= Itō Ittōsai =

Japanese swordsman

, was a Japanese swordsman, originally named Itō Yagorō. He is attributed as the founder of the Ittō-ryū ("one sword" or "one stroke") school of sword fighting.

According to legend, he floated across the Sagami Bay on a piece of driftwood from Ōshima Island, a part of the Izu Islands. The trust of the local villagers was earned when Yagorō chased away a group of bandits that went around raiding and pillaging. As he desired to be a great swordsman, the villagers paid for Yagorō's travels in seeking out a master. On his journey, Yagorō reached Tsurugaoka Hachimangū Shinto shrine in Kamakura where he paid homage to the gods and practiced his swordsmanship. One particular day, an unknown assailant tried to attack Yagorō but he unconsciously and without thinking drew his sword and cut down his attacker in one swift stroke. Not understanding this technique, Yagorō later described it as Musōken (夢想剣), a fundamental aspect of his swordsmanship's philosophy. Musōken is either an offensive or defensive technique that is delivered spontaneously and without thinking, fully anticipating an opponent's movement; a type of extra-sensory perception similar to mushin.

In another predicament, Ittōsai developed Hosshato when engaging multiple enemies in his bedroom. He later changed his name to "Itō Ittōsai Kagehisa" (Ittōsai being a 'Bugō', martial name). It is said Ittōsai's style evolved from the Chūjō-ryū style of his master, Kanemaki Jisai. Among the many pupils that Ittōsai trained, one such was his successor, Ono Tadaaki who went on to serve the Tokugawa. The Ittō-ryū style is grounded for some in Zen influence due to Ono Tadaaki's contact with the famed Buddhist priest, Takuan Sōhō. This is a reasonable assumption since later Ittō-ryū swordsmen advocated directness and simplicity in their technique of the "one stroke."

In order to become famous, it is said Itō Ittōsai fought 33 duels in a Musha shugyō without losing even once, which makes him second only to Miyamoto Musashi's over 60 duels.

His main sword was a katana crafted by the Ichimonji school, heirs of the great Emperor Go-Toba's investment in swordmaking. This sword was the one Ittōsai used in his 33 duels, and was later passed on to Grand Masters of the Ittō-ryū, starting with the 4th one, Kamei Heiemon.

In one of Ittōsai's duels, he defeated Mikogami Tenzen, who later changed his name to Ono Tadaaki, despite Ittōsai being armed with a wooden bokken and Tenzen using a traditional steel katana. Ittōsai wielded his weapon so precisely that he didn't harm Tenzen at all.
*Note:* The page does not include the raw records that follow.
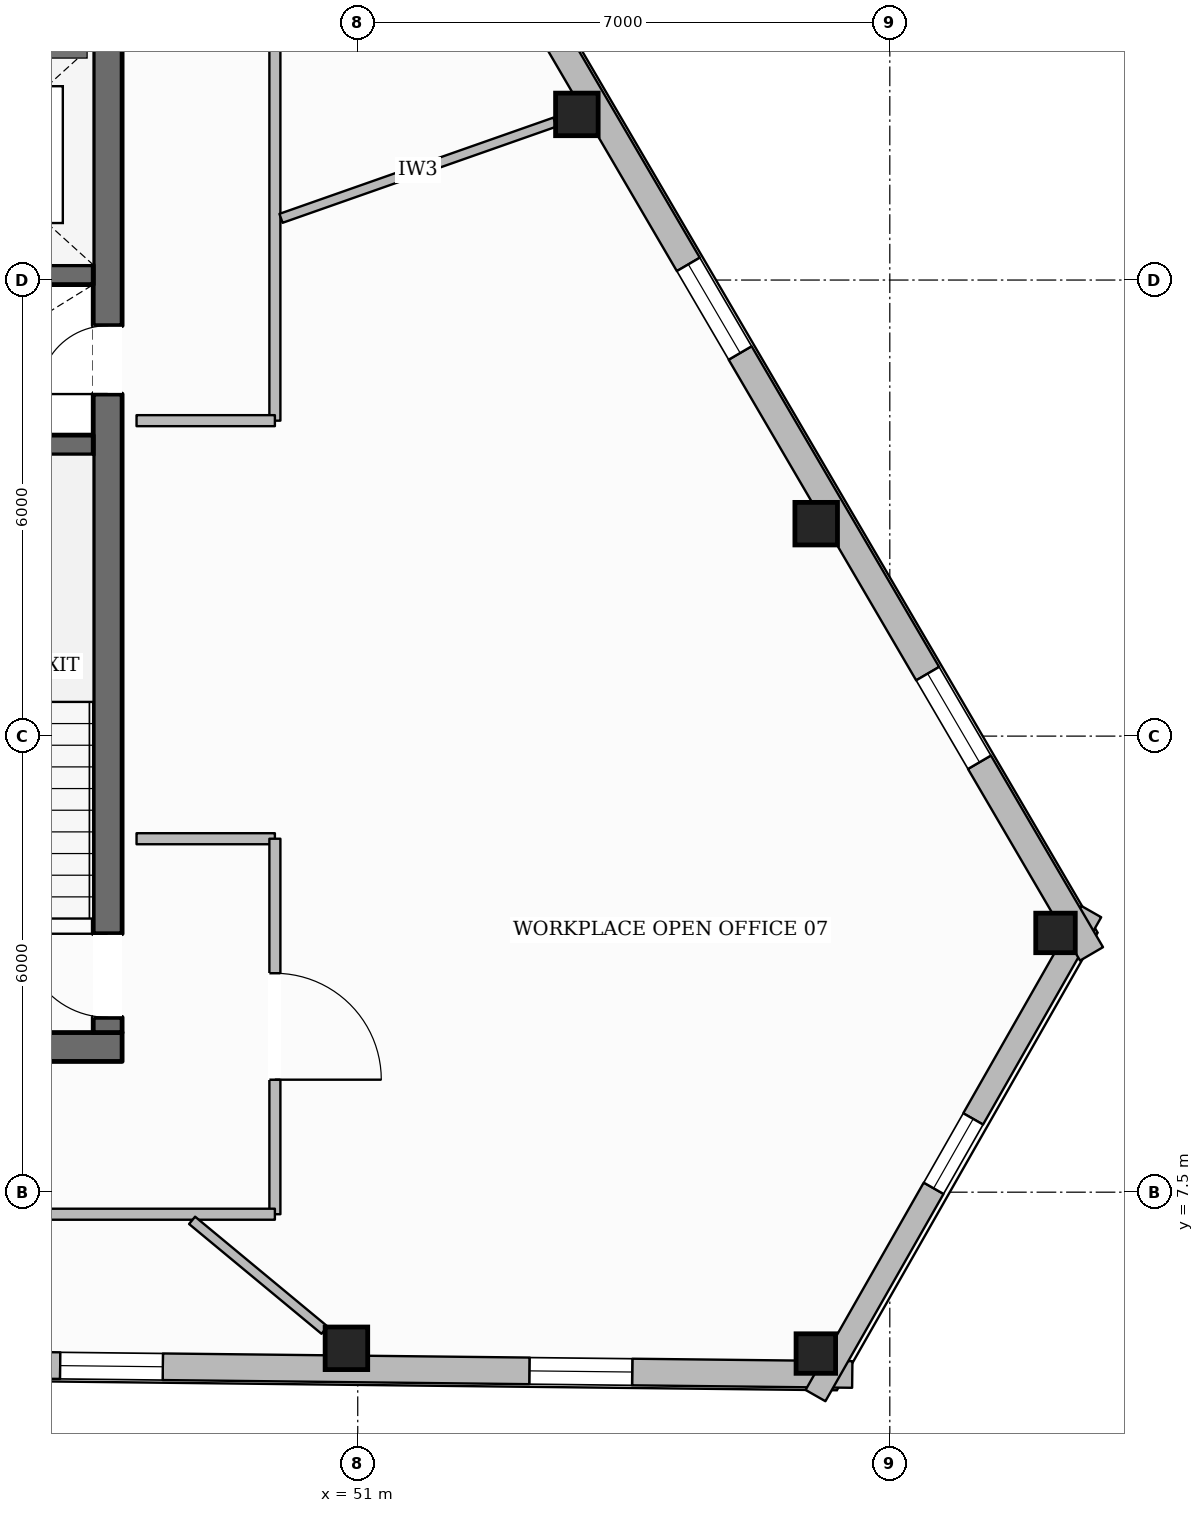
"""IFC4 building model, lengths in metres.
Left out: names, types, materials, properties, quantities, classifications, styles, units other than length and angle.
Written with IfcOpenShell. Run it as: python <this file> out.ifc"""

import sys

from ifc_helpers import new_model, si_unit, direction, frame, frame_2d, origin, origin_2d, place, context, subcontext, project, spatial, rectangle, hollow_rectangle, extrude, element, fill, save


model = new_model("IFC4")
c1 = context("Model", 3, precision=1e-05, world=origin(), true_north=direction((0.0, 1.0)))
c2 = subcontext(c1, "Body", "Model", "MODEL_VIEW")
j1 = project(units=[si_unit("LENGTHUNIT", "METRE"), si_unit("PLANEANGLEUNIT", "RADIAN")], contexts=[c1])
p1 = place(None, origin())
s1 = spatial("IfcSite", under=j1, at=p1, CompositionType="ELEMENT")
p2 = place(p1, origin())
s2 = spatial("IfcBuilding", under=s1, at=p2, CompositionType="ELEMENT")
p3 = place(p2, frame((0.0, 0.0, 254.9)))
s3 = spatial("IfcBuildingStorey", under=s2, at=p3, CompositionType="ELEMENT", Elevation=254.9)
p4 = place(p3, frame((28.1, 9.41, 0.0), z_axis=(0.0, 0.0, 1.0), x_axis=(1.0, 0.0, 0.0)))
e1 = element("IfcWall", 1, at=p4, inside=s3, PredefinedType="SOLIDWALL", context=c2, shape_type="SweptSolid", body=[
    extrude(rectangle(XDim=19.8, YDim=0.38, at=frame_2d((9.9, 0.0))), origin(), (0.0, 0.0, 1.0), 3.61),
])
p5 = place(p4, frame((10.4, 0.0, 0.0)))
e2 = element("IfcOpeningElement", 2, at=p5, cuts=e1, PredefinedType="OPENING", context=c2, shape_type="SweptSolid", body=[
    extrude(rectangle(XDim=1.4, YDim=2.2, at=frame_2d((0.7, 1.1))), frame((0.0, 0.2, 0.0), z_axis=(0.0, -1.0, 0.0), x_axis=(1.0, 0.0, 0.0)), (0.0, 0.0, 1.0), 0.4),
])
p6 = place(p3, frame((47.71, 9.6, 0.0), z_axis=(0.0, 0.0, 1.0), x_axis=(0.0, 1.0, 0.0)))
e3 = element("IfcWall", 3, at=p6, inside=s3, PredefinedType="SOLIDWALL", context=c2, shape_type="SweptSolid", body=[
    extrude(rectangle(XDim=13.0, YDim=0.38, at=frame_2d((6.5, 0.0))), origin(), (0.0, 0.0, 1.0), 3.61),
])
p7 = place(p6, frame((0.2, 0.0, 0.0)))
e4 = element("IfcOpeningElement", 4, at=p7, cuts=e3, PredefinedType="OPENING", context=c2, shape_type="SweptSolid", body=[
    extrude(rectangle(XDim=1.1, YDim=2.15, at=frame_2d((0.55, 1.075))), frame((0.0, 0.2, 0.0), z_axis=(0.0, -1.0, 0.0), x_axis=(1.0, 0.0, 0.0)), (0.0, 0.0, 1.0), 0.4),
])
p8 = place(p6, frame((8.4, 0.0, 0.0)))
e5 = element("IfcOpeningElement", 5, at=p8, cuts=e3, PredefinedType="OPENING", context=c2, shape_type="SweptSolid", body=[
    extrude(rectangle(XDim=0.9, YDim=2.1, at=frame_2d((0.45, 1.05))), frame((0.0, 0.2, 0.0), z_axis=(0.0, -1.0, 0.0), x_axis=(1.0, 0.0, 0.0)), (0.0, 0.0, 1.0), 0.4),
])
for number, where, z_axis, x_axis in (
    (6, (44.32, 17.33, 0.0), (0.0, 0.0, 1.0), (1.0, 0.0, 0.0)),
    (7, (44.32, 19.57, 0.0), (0.0, 0.0, 1.0), (1.0, 0.0, 0.0)),
):
    element("IfcWall", number, at=place(p3, frame(where, z_axis=z_axis, x_axis=x_axis)), inside=s3, PredefinedType="SHEAR", context=c2, shape_type="SweptSolid", body=[
        extrude(rectangle(XDim=3.2, YDim=0.26, at=frame_2d((1.6, 0.0))), origin(), (0.0, 0.0, 1.0), 3.61),
    ])
p9 = place(p3, frame((50.851, 5.446, 0.0), z_axis=(0.0, 0.0, 1.0), x_axis=(1.0, 0.0, 0.0)))
e8 = element("IfcColumn", 8, at=p9, inside=s3, PredefinedType="COLUMN", context=c2, shape_type="SweptSolid", body=[
    extrude(hollow_rectangle(XDim=0.56, YDim=0.56, WallThickness=0.025, at=origin_2d()), origin(), (0.0, 0.0, 1.0), 3.61),
])
for number, where, z_axis, x_axis in (
    (9, (57.027, 5.377, 0.0), (0.0, 0.0, 1.0), (1.0, 0.0, 0.0)),
    (10, (60.18, 10.911, 0.0), (0.0, 0.0, 1.0), (1.0, 0.0, 0.0)),
):
    element("IfcColumn", number, at=place(p3, frame(where, z_axis=z_axis, x_axis=x_axis)), inside=s3, PredefinedType="COLUMN", context=c2, shape_type="SweptSolid", body=[
        extrude(hollow_rectangle(XDim=0.52, YDim=0.52, WallThickness=0.024, at=origin_2d()), origin(), (0.0, 0.0, 1.0), 3.61),
    ])
for number, where, z_axis, x_axis in (
    (11, (57.031, 16.295, 0.0), (0.0, 0.0, 1.0), (1.0, 0.0, 0.0)),
    (12, (53.883, 21.679, 0.0), (0.0, 0.0, 1.0), (1.0, 0.0, 0.0)),
):
    element("IfcColumn", number, at=place(p3, frame(where, z_axis=z_axis, x_axis=x_axis)), inside=s3, PredefinedType="COLUMN", context=c2, shape_type="SweptSolid", body=[
        extrude(hollow_rectangle(XDim=0.56, YDim=0.56, WallThickness=0.025, at=origin_2d()), origin(), (0.0, 0.0, 1.0), 3.61),
    ])
p10 = place(p3, frame((57.506, 5.102, 0.0), z_axis=(0.0, 0.0, 1.0), x_axis=(-0.999937327785, 0.011195557226, 0.0)))
e13 = element("IfcWall", 13, at=p10, inside=s3, PredefinedType="STANDARD", context=c2, shape_type="SweptSolid", body=[
    extrude(rectangle(XDim=38.01, YDim=0.35, at=frame_2d((19.005, 0.0))), origin(), (0.0, 0.0, 1.0), 3.196),
])
p11 = place(p10, frame((33.775, 0.0, 0.65)))
e14 = element("IfcOpeningElement", 14, at=p11, cuts=e13, PredefinedType="OPENING", context=c2, shape_type="SweptSolid", body=[
    extrude(rectangle(XDim=1.35, YDim=1.75, at=frame_2d((0.675, 0.875))), frame((0.0, 0.185, 0.0), z_axis=(0.0, -1.0, 0.0), x_axis=(1.0, 0.0, 0.0)), (0.0, 0.0, 1.0), 0.37),
])
p12 = place(p10, frame((27.599, 0.0, 0.65)))
e15 = element("IfcOpeningElement", 15, at=p12, cuts=e13, PredefinedType="OPENING", context=c2, shape_type="SweptSolid", body=[
    extrude(rectangle(XDim=1.35, YDim=1.75, at=frame_2d((0.675, 0.875))), frame((0.0, 0.185, 0.0), z_axis=(0.0, -1.0, 0.0), x_axis=(1.0, 0.0, 0.0)), (0.0, 0.0, 1.0), 0.37),
])
p13 = place(p10, frame((15.247, 0.0, 0.65)))
e16 = element("IfcOpeningElement", 16, at=p13, cuts=e13, PredefinedType="OPENING", context=c2, shape_type="SweptSolid", body=[
    extrude(rectangle(XDim=1.35, YDim=1.75, at=frame_2d((0.675, 0.875))), frame((0.0, 0.185, 0.0), z_axis=(0.0, -1.0, 0.0), x_axis=(1.0, 0.0, 0.0)), (0.0, 0.0, 1.0), 0.37),
])
p14 = place(p10, frame((9.071, 0.0, 0.65)))
e17 = element("IfcOpeningElement", 17, at=p14, cuts=e13, PredefinedType="OPENING", context=c2, shape_type="SweptSolid", body=[
    extrude(rectangle(XDim=1.35, YDim=1.75, at=frame_2d((0.675, 0.875))), frame((0.0, 0.185, 0.0), z_axis=(0.0, -1.0, 0.0), x_axis=(1.0, 0.0, 0.0)), (0.0, 0.0, 1.0), 0.37),
])
p15 = place(p10, frame((2.896, 0.0, 0.65)))
e18 = element("IfcOpeningElement", 18, at=p15, cuts=e13, PredefinedType="OPENING", context=c2, shape_type="SweptSolid", body=[
    extrude(rectangle(XDim=1.35, YDim=1.75, at=frame_2d((0.675, 0.875))), frame((0.0, 0.185, 0.0), z_axis=(0.0, -1.0, 0.0), x_axis=(1.0, 0.0, 0.0)), (0.0, 0.0, 1.0), 0.37),
])
p16 = place(p3, frame((60.651, 11.191, 0.0), z_axis=(0.0, 0.0, 1.0), x_axis=(-0.495112521008, -0.868828862056, 0.0)))
e19 = element("IfcWall", 19, at=p16, inside=s3, PredefinedType="STANDARD", context=c2, shape_type="SweptSolid", body=[
    extrude(rectangle(XDim=7.328, YDim=0.3, at=frame_2d((3.664, 0.0))), origin(), (0.0, 0.0, 1.0), 3.196),
])
p17 = place(p16, frame((3.139, 0.0, 0.65)))
e20 = element("IfcOpeningElement", 20, at=p17, cuts=e19, PredefinedType="OPENING", context=c2, shape_type="SweptSolid", body=[
    extrude(rectangle(XDim=1.05, YDim=1.7, at=frame_2d((0.525, 0.85))), frame((0.0, 0.16, 0.0), z_axis=(0.0, -1.0, 0.0), x_axis=(1.0, 0.0, 0.0)), (0.0, 0.0, 1.0), 0.32),
])
p18 = place(p3, frame((41.284, 43.76, 0.0), z_axis=(0.0, 0.0, 1.0), x_axis=(0.50479404613, -0.863239810824, 0.0)))
e21 = element("IfcWall", 21, at=p18, inside=s3, PredefinedType="STANDARD", context=c2, shape_type="SweptSolid", body=[
    extrude(rectangle(XDim=38.372, YDim=0.35, at=frame_2d((19.186, 0.0))), origin(), (0.0, 0.0, 1.0), 3.196),
])
p19 = place(p18, frame((34.102, 0.0, 0.65)))
e22 = element("IfcOpeningElement", 22, at=p19, cuts=e21, PredefinedType="OPENING", context=c2, shape_type="SweptSolid", body=[
    extrude(rectangle(XDim=1.35, YDim=1.75, at=frame_2d((0.675, 0.875))), frame((0.0, 0.185, 0.0), z_axis=(0.0, -1.0, 0.0), x_axis=(1.0, 0.0, 0.0)), (0.0, 0.0, 1.0), 0.37),
])
p20 = place(p18, frame((27.864, 0.0, 0.65)))
e23 = element("IfcOpeningElement", 23, at=p20, cuts=e21, PredefinedType="OPENING", context=c2, shape_type="SweptSolid", body=[
    extrude(rectangle(XDim=1.35, YDim=1.75, at=frame_2d((0.675, 0.875))), frame((0.0, 0.185, 0.0), z_axis=(0.0, -1.0, 0.0), x_axis=(1.0, 0.0, 0.0)), (0.0, 0.0, 1.0), 0.37),
])
p21 = place(p18, frame((15.39, 0.0, 0.65)))
e24 = element("IfcOpeningElement", 24, at=p21, cuts=e21, PredefinedType="OPENING", context=c2, shape_type="SweptSolid", body=[
    extrude(rectangle(XDim=1.35, YDim=1.75, at=frame_2d((0.675, 0.875))), frame((0.0, 0.185, 0.0), z_axis=(0.0, -1.0, 0.0), x_axis=(1.0, 0.0, 0.0)), (0.0, 0.0, 1.0), 0.37),
])
p22 = place(p18, frame((9.153, 0.0, 0.65)))
e25 = element("IfcOpeningElement", 25, at=p22, cuts=e21, PredefinedType="OPENING", context=c2, shape_type="SweptSolid", body=[
    extrude(rectangle(XDim=1.35, YDim=1.75, at=frame_2d((0.675, 0.875))), frame((0.0, 0.185, 0.0), z_axis=(0.0, -1.0, 0.0), x_axis=(1.0, 0.0, 0.0)), (0.0, 0.0, 1.0), 0.37),
])
p23 = place(p18, frame((2.915, 0.0, 0.65)))
e26 = element("IfcOpeningElement", 26, at=p23, cuts=e21, PredefinedType="OPENING", context=c2, shape_type="SweptSolid", body=[
    extrude(rectangle(XDim=1.35, YDim=1.75, at=frame_2d((0.675, 0.875))), frame((0.0, 0.185, 0.0), z_axis=(0.0, -1.0, 0.0), x_axis=(1.0, 0.0, 0.0)), (0.0, 0.0, 1.0), 0.37),
])
p24 = place(p3, frame((49.91, 24.99, 0.0), z_axis=(0.0, 0.0, 1.0), x_axis=(0.0, -1.0, 0.0)))
e27 = element("IfcWall", 27, at=p24, inside=s3, PredefinedType="PARTITIONING", context=c2, shape_type="SweptSolid", body=[
    extrude(rectangle(XDim=7.34, YDim=0.145, at=frame_2d((3.67, 0.0))), origin(), (0.0, 0.0, 1.0), 3.349),
])
for number, where, z_axis, x_axis in (
    (28, (49.91, 17.65, 0.0), (0.0, 0.0, 1.0), (-1.0, 0.0, 0.0)),
    (29, (48.09, 12.15, 0.0), (0.0, 0.0, 1.0), (1.0, 0.0, 0.0)),
):
    element("IfcWall", number, at=place(p3, frame(where, z_axis=z_axis, x_axis=x_axis)), inside=s3, PredefinedType="PARTITIONING", context=c2, shape_type="SweptSolid", body=[
        extrude(rectangle(XDim=1.82, YDim=0.145, at=frame_2d((0.91, 0.0))), origin(), (0.0, 0.0, 1.0), 3.61),
    ])
p25 = place(p3, frame((49.91, 12.15, 0.0), z_axis=(0.0, 0.0, 1.0), x_axis=(0.0, -1.0, 0.0)))
e30 = element("IfcWall", 30, at=p25, inside=s3, PredefinedType="PARTITIONING", context=c2, shape_type="SweptSolid", body=[
    extrude(rectangle(XDim=4.94, YDim=0.145, at=frame_2d((2.47, 0.0))), origin(), (0.0, 0.0, 1.0), 3.61),
])
p26 = place(p25, frame((1.77, 0.0, 0.0)))
e31 = element("IfcOpeningElement", 31, at=p26, cuts=e30, PredefinedType="OPENING", context=c2, shape_type="SweptSolid", body=[
    extrude(rectangle(XDim=1.4, YDim=2.2, at=frame_2d((0.7, 1.1))), frame((0.0, 0.083, 0.0), z_axis=(0.0, -1.0, 0.0), x_axis=(1.0, 0.0, 0.0)), (0.0, 0.0, 1.0), 0.165),
])
p27 = place(p3, frame((49.91, 7.21, 0.0), z_axis=(0.0, 0.0, 1.0), x_axis=(-1.0, 0.0, 0.0)))
e32 = element("IfcWall", 32, at=p27, inside=s3, PredefinedType="PARTITIONING", context=c2, shape_type="SweptSolid", body=[
    extrude(rectangle(XDim=23.82, YDim=0.145, at=frame_2d((11.91, 0.0))), origin(), (0.0, 0.0, 1.0), 3.61),
])
p28 = place(p27, frame((19.928, 0.0, 0.0)))
e33 = element("IfcOpeningElement", 33, at=p28, cuts=e32, PredefinedType="OPENING", context=c2, shape_type="SweptSolid", body=[
    extrude(rectangle(XDim=0.98, YDim=2.15, at=frame_2d((0.49, 1.075))), frame((0.0, 0.083, 0.0), z_axis=(0.0, -1.0, 0.0), x_axis=(1.0, 0.0, 0.0)), (0.0, 0.0, 1.0), 0.165),
])
p29 = place(p27, frame((8.487, 0.0, 0.0)))
e34 = element("IfcOpeningElement", 34, at=p29, cuts=e32, PredefinedType="OPENING", context=c2, shape_type="SweptSolid", body=[
    extrude(rectangle(XDim=0.98, YDim=2.15, at=frame_2d((0.49, 1.075))), frame((0.0, 0.083, 0.0), z_axis=(0.0, -1.0, 0.0), x_axis=(1.0, 0.0, 0.0)), (0.0, 0.0, 1.0), 0.165),
])
p30 = place(p3, frame((49.99, 20.312, 0.0), z_axis=(0.0, 0.0, 1.0), x_axis=(0.943507124712, 0.331352237986, 0.0)))
e35 = element("IfcWall", 35, at=p30, inside=s3, PredefinedType="PARTITIONING", context=c2, shape_type="SweptSolid", body=[
    extrude(rectangle(XDim=3.82, YDim=0.125, at=frame_2d((1.91, 0.0))), origin(), (0.0, 0.0, 1.0), 3.61),
])
p31 = place(p3, frame((48.821, 7.129, 0.0), z_axis=(0.0, 0.0, 1.0), x_axis=(0.769836810093, -0.63824077418, 0.0)))
e36 = element("IfcWall", 36, at=p31, inside=s3, PredefinedType="PARTITIONING", context=c2, shape_type="SweptSolid", body=[
    extrude(rectangle(XDim=2.263, YDim=0.125, at=frame_2d((1.132, 0.0))), origin(), (0.0, 0.0, 1.0), 3.246),
])
p32 = place(p14, origin())
e37 = element("IfcWindow", 37, at=p32, inside=s3, PartitioningType="SINGLE_PANEL", PredefinedType="WINDOW", context=c2, shape_type="SweptSolid", body=[
    extrude(rectangle(XDim=1.35, YDim=1.75, at=frame_2d((0.675, 0.875))), frame((0.0, 0.03, 0.0), z_axis=(0.0, -1.0, 0.0), x_axis=(1.0, 0.0, 0.0)), (0.0, 0.0, 1.0), 0.06),
])
fill(e17, e37)
p33 = place(p15, origin())
e38 = element("IfcWindow", 38, at=p33, inside=s3, PartitioningType="SINGLE_PANEL", PredefinedType="WINDOW", context=c2, shape_type="SweptSolid", body=[
    extrude(rectangle(XDim=1.35, YDim=1.75, at=frame_2d((0.675, 0.875))), frame((0.0, 0.03, 0.0), z_axis=(0.0, -1.0, 0.0), x_axis=(1.0, 0.0, 0.0)), (0.0, 0.0, 1.0), 0.06),
])
fill(e18, e38)
p34 = place(p19, origin())
e39 = element("IfcWindow", 39, at=p34, inside=s3, PartitioningType="SINGLE_PANEL", PredefinedType="WINDOW", context=c2, shape_type="SweptSolid", body=[
    extrude(rectangle(XDim=1.35, YDim=1.75, at=frame_2d((0.675, 0.875))), frame((0.0, 0.03, 0.0), z_axis=(0.0, -1.0, 0.0), x_axis=(1.0, 0.0, 0.0)), (0.0, 0.0, 1.0), 0.06),
])
fill(e22, e39)
p35 = place(p20, origin())
e40 = element("IfcWindow", 40, at=p35, inside=s3, PartitioningType="SINGLE_PANEL", PredefinedType="WINDOW", context=c2, shape_type="SweptSolid", body=[
    extrude(rectangle(XDim=1.35, YDim=1.75, at=frame_2d((0.675, 0.875))), frame((0.0, 0.03, 0.0), z_axis=(0.0, -1.0, 0.0), x_axis=(1.0, 0.0, 0.0)), (0.0, 0.0, 1.0), 0.06),
])
fill(e23, e40)
p36 = place(p17, origin())
e41 = element("IfcWindow", 41, at=p36, inside=s3, PartitioningType="SINGLE_PANEL", PredefinedType="WINDOW", context=c2, shape_type="SweptSolid", body=[
    extrude(rectangle(XDim=1.05, YDim=1.7, at=frame_2d((0.525, 0.85))), frame((0.0, 0.03, 0.0), z_axis=(0.0, -1.0, 0.0), x_axis=(1.0, 0.0, 0.0)), (0.0, 0.0, 1.0), 0.06),
])
fill(e20, e41)
p37 = place(p7, origin())
e42 = element("IfcDoor", 42, at=p37, inside=s3, OperationType="SINGLE_SWING_RIGHT", PredefinedType="DOOR", context=c2, shape_type="SweptSolid", body=[
    extrude(rectangle(XDim=1.1, YDim=2.15, at=frame_2d((0.55, 1.075))), frame((0.0, 0.025, 0.0), z_axis=(0.0, -1.0, 0.0), x_axis=(1.0, 0.0, 0.0)), (0.0, 0.0, 1.0), 0.05),
])
fill(e4, e42)
p38 = place(p8, origin())
e43 = element("IfcDoor", 43, at=p38, inside=s3, OperationType="SINGLE_SWING_LEFT", PredefinedType="DOOR", context=c2, shape_type="SweptSolid", body=[
    extrude(rectangle(XDim=0.9, YDim=2.1, at=frame_2d((0.45, 1.05))), frame((0.0, 0.025, 0.0), z_axis=(0.0, -1.0, 0.0), x_axis=(1.0, 0.0, 0.0)), (0.0, 0.0, 1.0), 0.05),
])
fill(e5, e43)
p39 = place(p26, origin())
e44 = element("IfcDoor", 44, at=p39, inside=s3, OperationType="SINGLE_SWING_RIGHT", PredefinedType="DOOR", context=c2, shape_type="SweptSolid", body=[
    extrude(rectangle(XDim=1.4, YDim=2.2, at=frame_2d((0.7, 1.1))), frame((0.0, 0.025, 0.0), z_axis=(0.0, -1.0, 0.0), x_axis=(1.0, 0.0, 0.0)), (0.0, 0.0, 1.0), 0.05),
])
fill(e31, e44)
save(model, sys.argv[1])

Tenzen went on to be Ittōsai's disciple and became the second head of Ittōsai's ryu.

== In popular culture ==
Ittōsai features in Takehiko Inoue's award-winning manga Vagabond, heavily featuring as a mentor-type character during the manga's 'Kojiro arc', but also appearing later to duel Miyamoto Musashi.

Ittōsai appears as a recruitable character in the game Inindo, produced by Koei for the Super Nintendo Entertainment System. He will frequently be found challenging the player to a duel.